An article in the Bangkok Post on 10 January suggested that some of the figures in this table may be seriously misleading. According to this article, the estimated number of deaths among Thai nationals has been reduced from about 2,500 to about 1,800, and the estimated number of deaths among foreigners has been reduced from 2,500 to 1,300. The number of deaths whose nationality has not been established has risen correspondingly, from less than 200 to about 2,100. This is due to increasing doubts about the reliability of the classification on the basis of visual identification of badly decomposed bodies into "Thai" and "foreign" categories. All bodies of unknown origin will now be DNA tested to determine their ethnic origin.

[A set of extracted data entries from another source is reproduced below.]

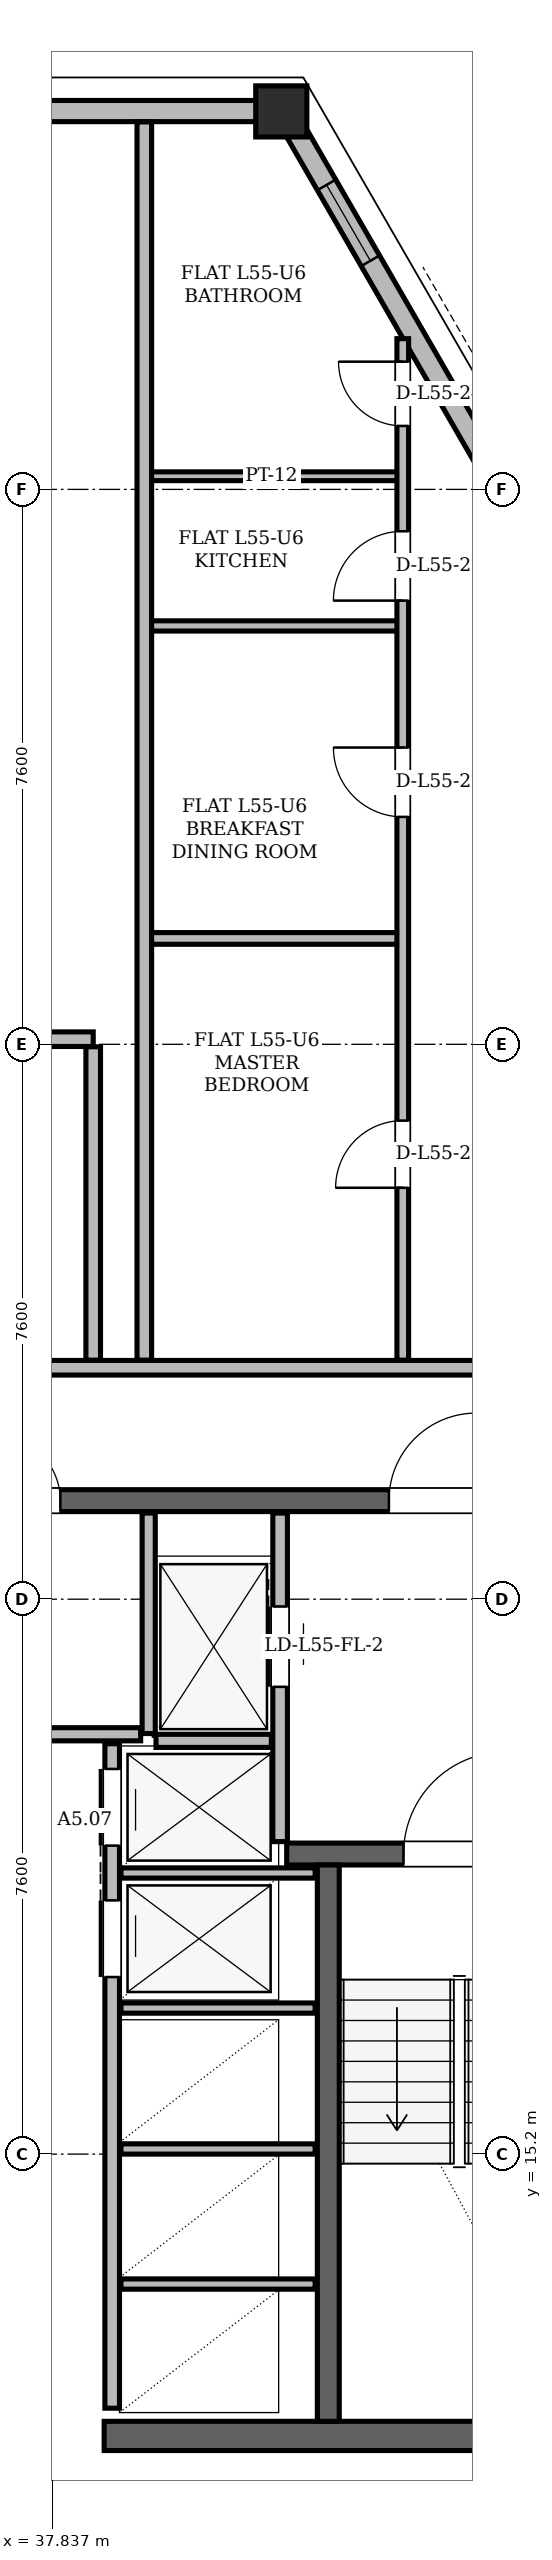
"""IFC4 building model, lengths in metres.
Left out: names, types, materials, properties, quantities, classifications, styles, units other than length and angle.
Written with IfcOpenShell. Run it as: python <this file> out.ifc"""

import sys

from ifc_helpers import new_model, si_unit, direction, frame, frame_2d, origin, origin_2d, place, context, subcontext, project, spatial, rectangle, hollow_rectangle, extrude, element, fill, save


model = new_model("IFC4")
c1 = context("Model", 3, precision=1e-05, world=origin(), true_north=direction((0.0, 1.0)))
c2 = subcontext(c1, "Body", "Model", "MODEL_VIEW")
j1 = project(units=[si_unit("LENGTHUNIT", "METRE"), si_unit("PLANEANGLEUNIT", "RADIAN")], contexts=[c1])
p1 = place(None, origin())
s1 = spatial("IfcSite", under=j1, at=p1, CompositionType="ELEMENT")
p2 = place(p1, origin())
s2 = spatial("IfcBuilding", under=s1, at=p2, CompositionType="ELEMENT")
p3 = place(p2, frame((0.0, 0.0, 209.1)))
s3 = spatial("IfcBuildingStorey", under=s2, at=p3, CompositionType="ELEMENT", Elevation=209.1)
p4 = place(p3, frame((41.012, 43.182, 0.004), z_axis=(-0.020187537135, -0.002582917209, 0.999792874491), x_axis=(0.12691156023, -0.991914036537, 0.0)))
e1 = element("IfcColumn", 1, at=p4, inside=s3, PredefinedType="COLUMN", context=c2, shape_type="SweptSolid", body=[
    extrude(hollow_rectangle(XDim=0.7, YDim=0.7, WallThickness=0.055, at=origin_2d()), origin(), (0.0, 0.0, 1.0), 3.592),
])
p5 = place(p3, frame((38.55, 11.34, 0.0), z_axis=(0.0, 0.0, 1.0), x_axis=(1.0, 0.0, 0.0)))
e2 = element("IfcWall", 2, at=p5, inside=s3, PredefinedType="SHEAR", context=c2, shape_type="SweptSolid", body=[
    extrude(rectangle(XDim=7.1, YDim=0.4, at=frame_2d((3.55, 0.0))), origin(), (0.0, 0.0, 1.0), 3.38),
])
p6 = place(p3, frame((29.65, 24.15, 0.0), z_axis=(0.0, 0.0, 1.0), x_axis=(1.0, 0.0, 0.0)))
e3 = element("IfcWall", 3, at=p6, inside=s3, PredefinedType="SHEAR", context=c2, shape_type="SweptSolid", body=[
    extrude(rectangle(XDim=15.7, YDim=0.3, at=frame_2d((7.85, 0.0))), origin(), (0.0, 0.0, 1.0), 3.38),
])
p7 = place(p6, frame((1.7, 0.0, 0.0)))
e4 = element("IfcOpeningElement", 4, at=p7, cuts=e3, PredefinedType="OPENING", context=c2, shape_type="SweptSolid", body=[
    extrude(rectangle(XDim=1.2, YDim=2.2, at=frame_2d((0.6, 1.1))), frame((0.0, 0.15, 0.0), z_axis=(0.0, -1.0, 0.0), x_axis=(1.0, 0.0, 0.0)), (0.0, 0.0, 1.0), 0.3),
])
p8 = place(p6, frame((12.8, 0.0, 0.0)))
e5 = element("IfcOpeningElement", 5, at=p8, cuts=e3, PredefinedType="OPENING", context=c2, shape_type="SweptSolid", body=[
    extrude(rectangle(XDim=1.2, YDim=2.2, at=frame_2d((0.6, 1.1))), frame((0.0, 0.15, 0.0), z_axis=(0.0, -1.0, 0.0), x_axis=(1.0, 0.0, 0.0)), (0.0, 0.0, 1.0), 0.3),
])
p9 = place(p6, frame((7.4, 0.0, 0.0)))
e6 = element("IfcOpeningElement", 6, at=p9, cuts=e3, PredefinedType="OPENING", context=c2, shape_type="SweptSolid", body=[
    extrude(rectangle(XDim=0.9, YDim=2.05, at=frame_2d((0.45, 1.025))), frame((0.0, 0.15, 0.0), z_axis=(0.0, -1.0, 0.0), x_axis=(1.0, 0.0, 0.0)), (0.0, 0.0, 1.0), 0.3),
])
p10 = place(p3, frame((41.05, 19.31, 0.0), z_axis=(0.0, 0.0, 1.0), x_axis=(1.0, 0.0, 0.0)))
e7 = element("IfcWall", 7, at=p10, inside=s3, PredefinedType="SHEAR", context=c2, shape_type="SweptSolid", body=[
    extrude(rectangle(XDim=4.01, YDim=0.3, at=frame_2d((2.005, 0.0))), origin(), (0.0, 0.0, 1.0), 3.38),
])
p11 = place(p10, frame((1.6, 0.0, 0.0)))
e8 = element("IfcOpeningElement", 8, at=p11, cuts=e7, PredefinedType="OPENING", context=c2, shape_type="SweptSolid", body=[
    extrude(rectangle(XDim=1.4, YDim=2.2, at=frame_2d((0.7, 1.1))), frame((0.0, 0.15, 0.0), z_axis=(0.0, -1.0, 0.0), x_axis=(1.0, 0.0, 0.0)), (0.0, 0.0, 1.0), 0.3),
])
p12 = place(p3, frame((41.62, 11.54, 0.0), z_axis=(0.0, 0.0, 1.0), x_axis=(0.0, 1.0, 0.0)))
e9 = element("IfcWall", 9, at=p12, inside=s3, PredefinedType="SHEAR", context=c2, shape_type="SweptSolid", body=[
    extrude(rectangle(XDim=7.62, YDim=0.3, at=frame_2d((3.81, 0.0))), origin(), (0.0, 0.0, 1.0), 3.38),
])
p13 = place(p3, frame((59.246, 11.601, 0.0), z_axis=(0.0, 0.0, 1.0), x_axis=(-0.50000139879, 0.866024596191, 0.0)))
e10 = element("IfcWall", 10, at=p13, inside=s3, PredefinedType="SOLIDWALL", context=c2, shape_type="SweptSolid", body=[
    extrude(rectangle(XDim=36.467, YDim=0.29, at=frame_2d((18.233, 0.0))), origin(), (0.0, 0.0, 1.0), 2.677),
])
p14 = place(p13, frame((6.789, 0.0, 0.0)))
e11 = element("IfcOpeningElement", 11, at=p14, cuts=e10, PredefinedType="OPENING", context=c2, shape_type="SweptSolid", body=[
    extrude(rectangle(XDim=1.5, YDim=2.2, at=frame_2d((0.75, 1.1))), frame((0.0, 0.145, 0.0), z_axis=(0.0, -1.0, 0.0), x_axis=(1.0, 0.0, 0.0)), (0.0, 0.0, 1.0), 0.29),
])
p15 = place(p13, frame((26.932, 0.0, 0.0)))
e12 = element("IfcOpeningElement", 12, at=p15, cuts=e10, PredefinedType="OPENING", context=c2, shape_type="SweptSolid", body=[
    extrude(rectangle(XDim=1.5, YDim=2.2, at=frame_2d((0.75, 1.1))), frame((0.0, 0.145, 0.0), z_axis=(0.0, -1.0, 0.0), x_axis=(1.0, 0.0, 0.0)), (0.0, 0.0, 1.0), 0.29),
])
p16 = place(p13, frame((12.324, 0.0, 0.85)))
e13 = element("IfcOpeningElement", 13, at=p16, cuts=e10, PredefinedType="OPENING", context=c2, shape_type="SweptSolid", body=[
    extrude(rectangle(XDim=1.2, YDim=1.48, at=frame_2d((0.6, 0.74))), frame((0.0, 0.145, 0.0), z_axis=(0.0, -1.0, 0.0), x_axis=(1.0, 0.0, 0.0)), (0.0, 0.0, 1.0), 0.29),
])
p17 = place(p13, frame((2.218, 0.0, 0.85)))
e14 = element("IfcOpeningElement", 14, at=p17, cuts=e10, PredefinedType="OPENING", context=c2, shape_type="SweptSolid", body=[
    extrude(rectangle(XDim=1.2, YDim=1.48, at=frame_2d((0.6, 0.74))), frame((0.0, 0.145, 0.0), z_axis=(0.0, -1.0, 0.0), x_axis=(1.0, 0.0, 0.0)), (0.0, 0.0, 1.0), 0.29),
])
p18 = place(p13, frame((17.24, 0.0, 0.85)))
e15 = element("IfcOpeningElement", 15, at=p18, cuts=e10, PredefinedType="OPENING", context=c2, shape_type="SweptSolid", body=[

== Lessons Learned from The 2004 Indian Ocean earthquake and tsunami ==
Though the 2004 Indian Ocean earthquake and tsunami impacted millions of people in a wide variety of countries in Southeast Asia and Southern Africa, the impacts caused by the tsunami that occurred in Thailand results in many realizations made by Thai individuals, and government officials. Those in Thailand realized that in order to limit the impacts that a potential future tsunami may have, they must take certain actions including creating programs and warning systems. In particular, the country and surrounding countries organized three goals including the development of disaster tsunami program on national, state, and local levels, the development of an early warning system, and the creation of tsunami research programs for the future.

In 2006, Madagascar developed a national level plan for responding to potential tsunamis, where they planned to develop a national evacuation plan, create a national early warning system, increase tsunami awareness, and prepare individuals. After the tsunami, regional officials met to discuss the importance of creating warning and mitigation systems to focus on managing potential disasters and ensuring prevention, mitigation, response, and relief. Additionally, these local officials discussed the necessary steps to take to develop early warning systems for all countries near and around the Indian Ocean.

In Southern Thailand specifically, officials took efforts to emphasize mitigation and preparedness in the case of future disaster events. To mitigate, individuals in Southern Thailand analyzed their vulnerability by assessing their risk, along with rehabilitating coral reefs and sea grass beds. To prepare for future tsunami events, actions taken included the development of education programs, the creation of warning systems, the implementation of evacuation drills, and the conduction of disaster research. The actions taken by those living in Thailand, and the government officials within Thailand, were substantial.